Tuesday, April 29, 2008

Detainee driver slovenly, threatens boycott


GUANTANAMO BAY NAVY BASE, Cuba -- Osama bin Laden's driver appeared at his war crimes trial Monday looking disheveled and threatening a boycott.

Lawyers for Salim Ahmed Hamdan, 36, of Yemen filed a brief as far back as February protesting what they argue has been a protracted regime of virtual solitary confinement behind the detention center's barbed wire.

They argued that his mental health has deteriorated, and asked a Navy judge to intervene.

Prison camp spokesmen say there is no such thing as solitary confinement at Guantánamo. Detainees can see guards, get open-air recreation, shout to other detainees through slits in their cell doors through which food is delivered -- and sometimes see other captives coming and going through the slits, called ``bean holes.''

On Monday the judge postponed a hearing on the topic until the eve of his June trial. In response, the normally mild-mannered driver, a father of two with a fourth-grade education, looked stricken.

He then asked to be excused.

''I refuse all the lawyers. I refuse them working on my behalf and I'm sorry,'' Hamdan said. ``I don't allow them to represent me when I'm not here.''

Hamdan, facing life in prison on a charge of material support for terrorism, is the latest of a string of four war-on-terror detainees to seek to walk out on the proceedings.

He is accused of abetting a series of al Qaeda attacks around the globe, not by knowing about them or plotting them but by serving as bin Laden's $200-a-month driver and sometime bodyguard in Afghanistan leading up to the Sept. 11, 2001, attacks.

In a twist, he said he was banning any participation by his five-lawyer defense team -- including his first attorney, a former Navy lawyer turned college professor who took the Hamdan case to a landmark U.S. Supreme Court ruling.

It was uncertain whether Hamdan's boycott would hold. The judge called a recess to give the detainee a bathroom break, then extended it through the lunch hour.

The development was a surprise in a day that defense lawyers had predicted would go differently -- with testimony from the Pentagon's former chief prosecutor for Military Commissions, who resigned to protest what he described as trials rigged to win convictions.

Air Force Col. Morris Davis, the prosecutor who before he resigned filed charges against Hamdan, was outside the tribunal chamber when the captive broke from the script.

Hamdan rambled at times, saying his human rights had been abused, and in particular that ``my self-esteem . . .does not allow me to continue to speak.''

His appearance was striking. Throughout nearly four years at the defense table, he has consistently appeared elegantly groomed in traditional Yemeni garb -- a pristine white gown topped by a herring-bone jacket, a skullcap over tidy, short-cropped hair.

He would enter the court with a head scarf draped in traditional Yemeni style, then unfurl it over his shoulders as though removing his hat for the court.

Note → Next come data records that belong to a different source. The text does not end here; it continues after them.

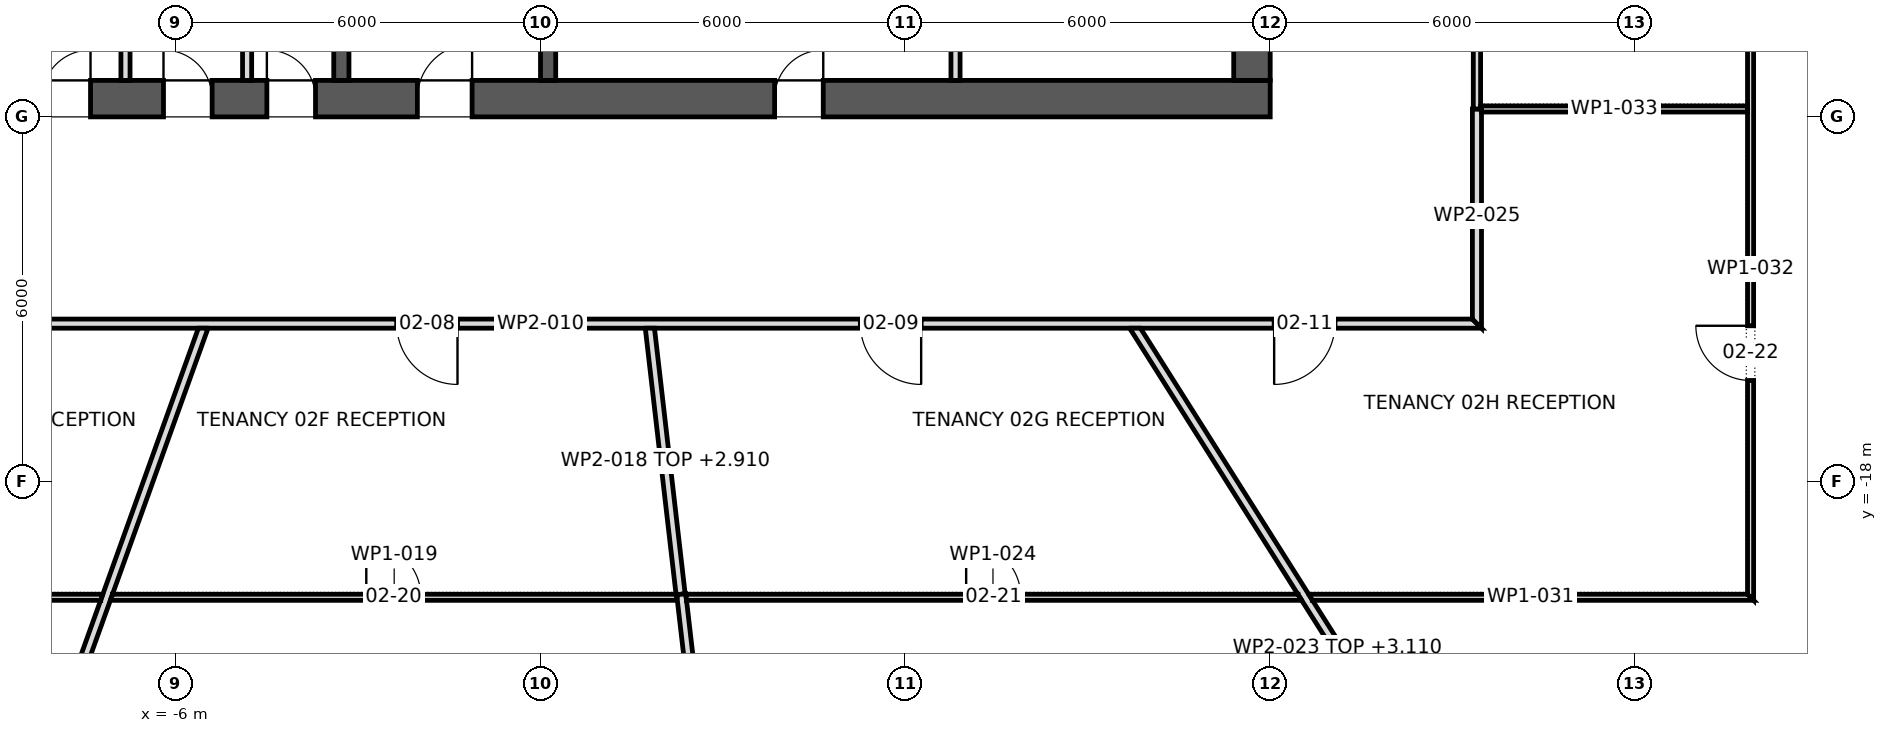
"""IFC4 building model, lengths in metres.
Left out: names, types, materials, properties, quantities, classifications, styles, units other than length and angle.
Written with IfcOpenShell. Run it as: python <this file> out.ifc"""

import sys

from ifc_helpers import new_model, si_unit, direction, frame, frame_2d, origin, place, context, subcontext, project, spatial, polyline, rectangle, outline, extrude, element, fill, save


model = new_model("IFC4")
c1 = context("Model", 3, precision=1e-05, world=origin(), true_north=direction((0.0, 1.0)))
c2 = subcontext(c1, "Body", "Model", "MODEL_VIEW")
j1 = project(units=[si_unit("LENGTHUNIT", "METRE"), si_unit("PLANEANGLEUNIT", "RADIAN")], contexts=[c1])
p1 = place(None, origin())
s1 = spatial("IfcSite", under=j1, at=p1, CompositionType="ELEMENT")
p2 = place(p1, origin())
s2 = spatial("IfcBuilding", under=s1, at=p2, CompositionType="ELEMENT")
p3 = place(p2, frame((0.0, 0.0, 36.1)))
s3 = spatial("IfcBuildingStorey", under=s2, at=p3, CompositionType="ELEMENT", Elevation=36.1)
p4 = place(p3, frame((-12.0, -11.7, 0.0), z_axis=(0.0, 0.0, 1.0), x_axis=(1.0, 0.0, 0.0)))
e1 = element("IfcWall", 1, at=p4, inside=s3, PredefinedType="SHEAR", context=c2, shape_type="SweptSolid", body=[
    extrude(rectangle(XDim=24.0, YDim=0.6, at=frame_2d((12.0, 0.0))), origin(), (0.0, 0.0, 1.0), 4.2),
])
p5 = place(p4, frame((9.975, 0.0, 0.0)))
e2 = element("IfcOpeningElement", 2, at=p5, cuts=e1, PredefinedType="OPENING", context=c2, shape_type="SweptSolid", body=[
    extrude(rectangle(XDim=0.9, YDim=2.1, at=frame_2d((0.45, 1.05))), frame((0.0, 0.312, 0.0), z_axis=(0.0, -1.0, 0.0), x_axis=(1.0, 0.0, 0.0)), (0.0, 0.0, 1.0), 0.624),
])
p6 = place(p4, frame((3.8, 0.0, 0.0)))
e3 = element("IfcOpeningElement", 3, at=p6, cuts=e1, PredefinedType="OPENING", context=c2, shape_type="SweptSolid", body=[
    extrude(rectangle(XDim=0.8, YDim=2.1, at=frame_2d((0.4, 1.05))), frame((0.0, 0.312, 0.0), z_axis=(0.0, -1.0, 0.0), x_axis=(1.0, 0.0, 0.0)), (0.0, 0.0, 1.0), 0.624),
])
p7 = place(p4, frame((5.8, 0.0, 0.0)))
e4 = element("IfcOpeningElement", 4, at=p7, cuts=e1, PredefinedType="OPENING", context=c2, shape_type="SweptSolid", body=[
    extrude(rectangle(XDim=0.8, YDim=2.1, at=frame_2d((0.4, 1.05))), frame((0.0, 0.312, 0.0), z_axis=(0.0, -1.0, 0.0), x_axis=(1.0, 0.0, 0.0)), (0.0, 0.0, 1.0), 0.624),
])
p8 = place(p4, frame((7.5, 0.0, 0.0)))
e5 = element("IfcOpeningElement", 5, at=p8, cuts=e1, PredefinedType="OPENING", context=c2, shape_type="SweptSolid", body=[
    extrude(rectangle(XDim=0.8, YDim=2.1, at=frame_2d((0.4, 1.05))), frame((0.0, 0.312, 0.0), z_axis=(0.0, -1.0, 0.0), x_axis=(1.0, 0.0, 0.0)), (0.0, 0.0, 1.0), 0.624),
])
p9 = place(p4, frame((15.85, 0.0, 0.0)))
e6 = element("IfcOpeningElement", 6, at=p9, cuts=e1, PredefinedType="OPENING", context=c2, shape_type="SweptSolid", body=[
    extrude(rectangle(XDim=0.8, YDim=2.1, at=frame_2d((0.4, 1.05))), frame((0.0, 0.312, 0.0), z_axis=(0.0, -1.0, 0.0), x_axis=(1.0, 0.0, 0.0)), (0.0, 0.0, 1.0), 0.624),
])
p10 = place(p3, frame((11.7, -11.4, 0.0), z_axis=(0.0, 0.0, 1.0), x_axis=(0.0, 1.0, 0.0)))
e7 = element("IfcWall", 7, at=p10, inside=s3, PredefinedType="SHEAR", context=c2, shape_type="SweptSolid", body=[
    extrude(rectangle(XDim=22.8, YDim=0.6, at=frame_2d((11.4, 0.0))), origin(), (0.0, 0.0, 1.0), 4.2),
])
p11 = place(p10, frame((10.2, 0.0, 0.0)))
e8 = element("IfcOpeningElement", 8, at=p11, cuts=e7, PredefinedType="OPENING", context=c2, shape_type="SweptSolid", body=[
    extrude(rectangle(XDim=2.4, YDim=2.1, at=frame_2d((1.2, 1.05))), frame((0.0, 0.312, 0.0), z_axis=(0.0, -1.0, 0.0), x_axis=(1.0, 0.0, 0.0)), (0.0, 0.0, 1.0), 0.624),
])
p12 = place(p10, frame((19.5, 0.0, 0.0)))
e9 = element("IfcOpeningElement", 9, at=p12, cuts=e7, PredefinedType="OPENING", context=c2, shape_type="SweptSolid", body=[
    extrude(rectangle(XDim=1.2, YDim=2.1, at=frame_2d((0.6, 1.05))), frame((0.0, 0.312, 0.0), z_axis=(0.0, -1.0, 0.0), x_axis=(1.0, 0.0, 0.0)), (0.0, 0.0, 1.0), 0.624),
])
p13 = place(p10, frame((2.1, 0.0, 0.0)))
e10 = element("IfcOpeningElement", 10, at=p13, cuts=e7, PredefinedType="OPENING", context=c2, shape_type="SweptSolid", body=[
    extrude(rectangle(XDim=1.2, YDim=2.1, at=frame_2d((0.6, 1.05))), frame((0.0, 0.312, 0.0), z_axis=(0.0, -1.0, 0.0), x_axis=(1.0, 0.0, 0.0)), (0.0, 0.0, 1.0), 0.624),
])
for number, where, z_axis, x_axis in (
    (11, (-3.275, -11.4, 0.0), (0.0, 0.0, 1.0), (0.0, 1.0, 0.0)),
    (12, (0.125, -11.4, 0.0), (0.0, 0.0, 1.0), (0.0, 1.0, 0.0)),
):
    element("IfcWall", number, at=place(p3, frame(where, z_axis=z_axis, x_axis=x_axis)), inside=s3, PredefinedType="SHEAR", context=c2, shape_type="SweptSolid", body=[
        extrude(rectangle(XDim=4.9, YDim=0.25, at=frame_2d((2.45, 0.0))), origin(), (0.0, 0.0, 1.0), 3.9),
    ])
for number, where, z_axis, x_axis in (
    (13, (-6.825, -11.4, 0.0), (0.0, 0.0, 1.0), (0.0, 1.0, 0.0)),
    (14, (-4.825, -11.4, 0.0), (0.0, 0.0, 1.0), (0.0, 1.0, 0.0)),
    (15, (6.825, -11.4, 0.0), (0.0, 0.0, 1.0), (0.0, 1.0, 0.0)),
):
    element("IfcWall", number, at=place(p3, frame(where, z_axis=z_axis, x_axis=x_axis)), inside=s3, PredefinedType="PARTITIONING", context=c2, shape_type="SweptSolid", body=[
        extrude(rectangle(XDim=1.5, YDim=0.15, at=frame_2d((0.75, 0.0))), origin(), (0.0, 0.0, 1.0), 3.9),
    ])
p14 = place(p3, frame((-15.475, -15.4, 0.0), z_axis=(0.0, 0.0, 1.0), x_axis=(1.0, 0.0, 0.0)))
e16 = element("IfcWall", 16, at=p14, inside=s3, PredefinedType="PARTITIONING", context=c2, shape_type="SweptSolid", body=[
    extrude(outline(polyline([(0.0, -0.075), (1.935, -0.075), (3.869, -0.075), (5.803, -0.075), (7.738, -0.075), (9.672, -0.075), (11.606, -0.075), (13.541, -0.075), (15.475, -0.075), (17.409, -0.075), (19.344, -0.075), (21.278, -0.075), (23.212, -0.075), (25.147, -0.075), (27.081, -0.075), (29.016, -0.075), (30.95, -0.075), (30.8, 0.075), (28.885, 0.075), (26.969, 0.075), (25.053, 0.075), (23.138, 0.075), (21.222, 0.075), (19.306, 0.075), (17.391, 0.075), (15.475, 0.075), (13.56, 0.075), (11.644, 0.075), (9.728, 0.075), (7.812, 0.075), (5.897, 0.075), (3.981, 0.075), (2.066, 0.075), (0.15, 0.075), (0.0, -0.075)])), origin(), (0.0, 0.0, 1.0), 3.9),
])
p15 = place(p14, frame((4.745, 0.0, 0.0)))
e17 = element("IfcOpeningElement", 17, at=p15, cuts=e16, PredefinedType="OPENING", context=c2, shape_type="SweptSolid", body=[
    extrude(rectangle(XDim=1.0, YDim=2.1, at=frame_2d((0.5, 1.05))), frame((0.0, 0.087, 0.0), z_axis=(0.0, -1.0, 0.0), x_axis=(1.0, 0.0, 0.0)), (0.0, 0.0, 1.0), 0.174),
])
p16 = place(p14, frame((13.11, 0.0, 0.0)))
e18 = element("IfcOpeningElement", 18, at=p16, cuts=e16, PredefinedType="OPENING", context=c2, shape_type="SweptSolid", body=[
    extrude(rectangle(XDim=1.0, YDim=2.1, at=frame_2d((0.5, 1.05))), frame((0.0, 0.087, 0.0), z_axis=(0.0, -1.0, 0.0), x_axis=(1.0, 0.0, 0.0)), (0.0, 0.0, 1.0), 0.174),
])
p17 = place(p14, frame((20.735, 0.0, 0.0)))
e19 = element("IfcOpeningElement", 19, at=p17, cuts=e16, PredefinedType="OPENING", context=c2, shape_type="SweptSolid", body=[
    extrude(rectangle(XDim=1.0, YDim=2.1, at=frame_2d((0.5, 1.05))), frame((0.0, 0.087, 0.0), z_axis=(0.0, -1.0, 0.0), x_axis=(1.0, 0.0, 0.0)), (0.0, 0.0, 1.0), 0.174),
])
p18 = place(p14, frame((27.54, 0.0, 0.0)))
e20 = element("IfcOpeningElement", 20, at=p18, cuts=e16, PredefinedType="OPENING", context=c2, shape_type="SweptSolid", body=[
    extrude(rectangle(XDim=1.0, YDim=2.1, at=frame_2d((0.5, 1.05))), frame((0.0, 0.087, 0.0), z_axis=(0.0, -1.0, 0.0), x_axis=(1.0, 0.0, 0.0)), (0.0, 0.0, 1.0), 0.174),
])
p19 = place(p3, frame((-10.119, -28.209, 0.0), z_axis=(0.0, 0.0, 1.0), x_axis=(0.337949016046, 0.941164418448, 0.0)))
e21 = element("IfcWall", 21, at=p19, inside=s3, PredefinedType="PARTITIONING", context=c2, shape_type="SweptSolid", body=[
    extrude(outline(polyline([(0.014, -0.075), (1.792, -0.075), (3.57, -0.075), (5.347, -0.075), (7.125, -0.075), (8.903, -0.075), (8.908, -0.073), (8.909, -0.075), (10.458, -0.075), (12.008, -0.075), (13.557, -0.075), (13.557, -0.074), (13.555, -0.069), (13.555, -0.069), (13.503, 0.075), (11.919, 0.075), (10.335, 0.075), (8.751, 0.075), (8.749, 0.074), (8.749, 0.075), (6.999, 0.075), (5.249, 0.075), (3.5, 0.075), (1.75, 0.075), (0.0, 0.075), (0.0, 0.071), (0.0, -0.0), (0.014, -0.075)])), origin(), (0.0, 0.0, 1.0), 2.91),
])
p20 = place(p3, frame((-7.198, -19.9, 0.0), z_axis=(0.0, 0.0, 1.0), x_axis=(-1.0, 0.0, 0.0)))
e22 = element("IfcWall", 22, at=p20, inside=s3, PredefinedType="PARTITIONING", context=c2, shape_type="SweptSolid", body=[
    extrude(outline(polyline([(0.0, -0.05), (1.993, -0.05), (3.986, -0.05), (5.979, -0.05), (7.972, -0.05), (9.965, -0.05), (11.958, -0.05), (12.055, 0.05), (12.055, 0.05), (10.338, 0.05), (8.621, 0.05), (6.904, 0.05), (5.187, 0.05), (3.47, 0.05), (1.753, 0.05), (0.035, 0.05), (0.0, -0.049), (0.0, -0.05)])), origin(), (0.0, 0.0, 1.0), 3.9),
])
p21 = place(p20, frame((5.577, 0.0, 0.0)))
e23 = element("IfcOpeningElement", 23, at=p21, cuts=e22, PredefinedType="OPENING", context=c2, shape_type="SweptSolid", body=[
    extrude(rectangle(XDim=0.9, YDim=2.1, at=frame_2d((0.45, 1.05))), frame((0.0, 0.062, 0.0), z_axis=(0.0, -1.0, 0.0), x_axis=(1.0, 0.0, 0.0)), (0.0, 0.0, 1.0), 0.124),
])
p22 = place(p3, frame((1.798, -15.467, 0.0), z_axis=(0.0, 0.0, 1.0), x_axis=(0.114783679138, -0.993390510828, 0.0)))
e24 = element("IfcWall", 24, at=p22, inside=s3, PredefinedType="PARTITIONING", context=c2, shape_type="SweptSolid", body=[
    extrude(outline(polyline([(0.0, -0.075), (1.468, -0.075), (2.936, -0.075), (4.404, -0.075), (4.404, -0.075), (4.407, -0.075), (4.413, -0.075), (4.413, 0.075), (2.948, 0.075), (1.483, 0.075), (0.017, 0.075), (0.0, -0.073), (0.0, -0.075)])), origin(), (0.0, 0.0, 1.0), 2.91),
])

Monday, as if to illustrate his attorneys' arguments that his mental health is deteriorating from five years behind the razor wire, he appeared slovenly -- in a rumpled tan, military-issue prison camp uniform.

He had long unkempt curly hair and a scraggly beard, and fidgeted with his headset through the preliminary proceedings.

The judge sounded sympathetic and politely asked Hamdan to take a seat after he stood up at the defense table -- bringing every guard in the room to his feet, on alert.

Detainees are routinely unshackled at the trials.

''I don't have control over the conditions of your confinement,'' said Navy Capt. Keith Allred, the trial judge. ``But your defense attorneys have asked me to look into the conditions of your confinement and grant you some relief.''

His trial has been a showcase for President Bush's military commissions. He was the first-ever charged when they opened in August 2004. He was among the first recharged after Congress authorized the trials following closure by the U.S. Supreme Court.

With delays in the trial of alleged child soldier Omar Khadr of Canada, Hamdan's is also slated to be the first full-blown war crimes trial.

Up until Monday, he had always exchanged warm smiles in the courtroom as the black-robed judge entered and left. Unlike other prisoners, he also stood in respect for his various judges.

He continued the practice of standing along with everyone in the court. But he cracked no smiles.

Part of the reason why Monday's hearing on the issue of his mental health and confinement was postponed was the absence of an expert. The Pentagon had refused a defense request to continue to engage as a consultant and expert witness a California psychiatrist who has evaluated Hamdan's health.

In February, the doctor, Emily Keram, filed an affidavit with the court that said Hamdan suffers nightmares, amnesia, anxiety, irritability, insomnia and a sense of ''hopelessness and helplessness'' as a result of his captivity as an enemy combatant.

Keram works with U.S. war veterans at the Veterans Administration and describes Hamdan as suffering post-traumatic stress disorder.

But the Pentagon's Office of the Convening Authority refused to fund Keram's continued work on the case, a denial the Hamdan defense team was challenging.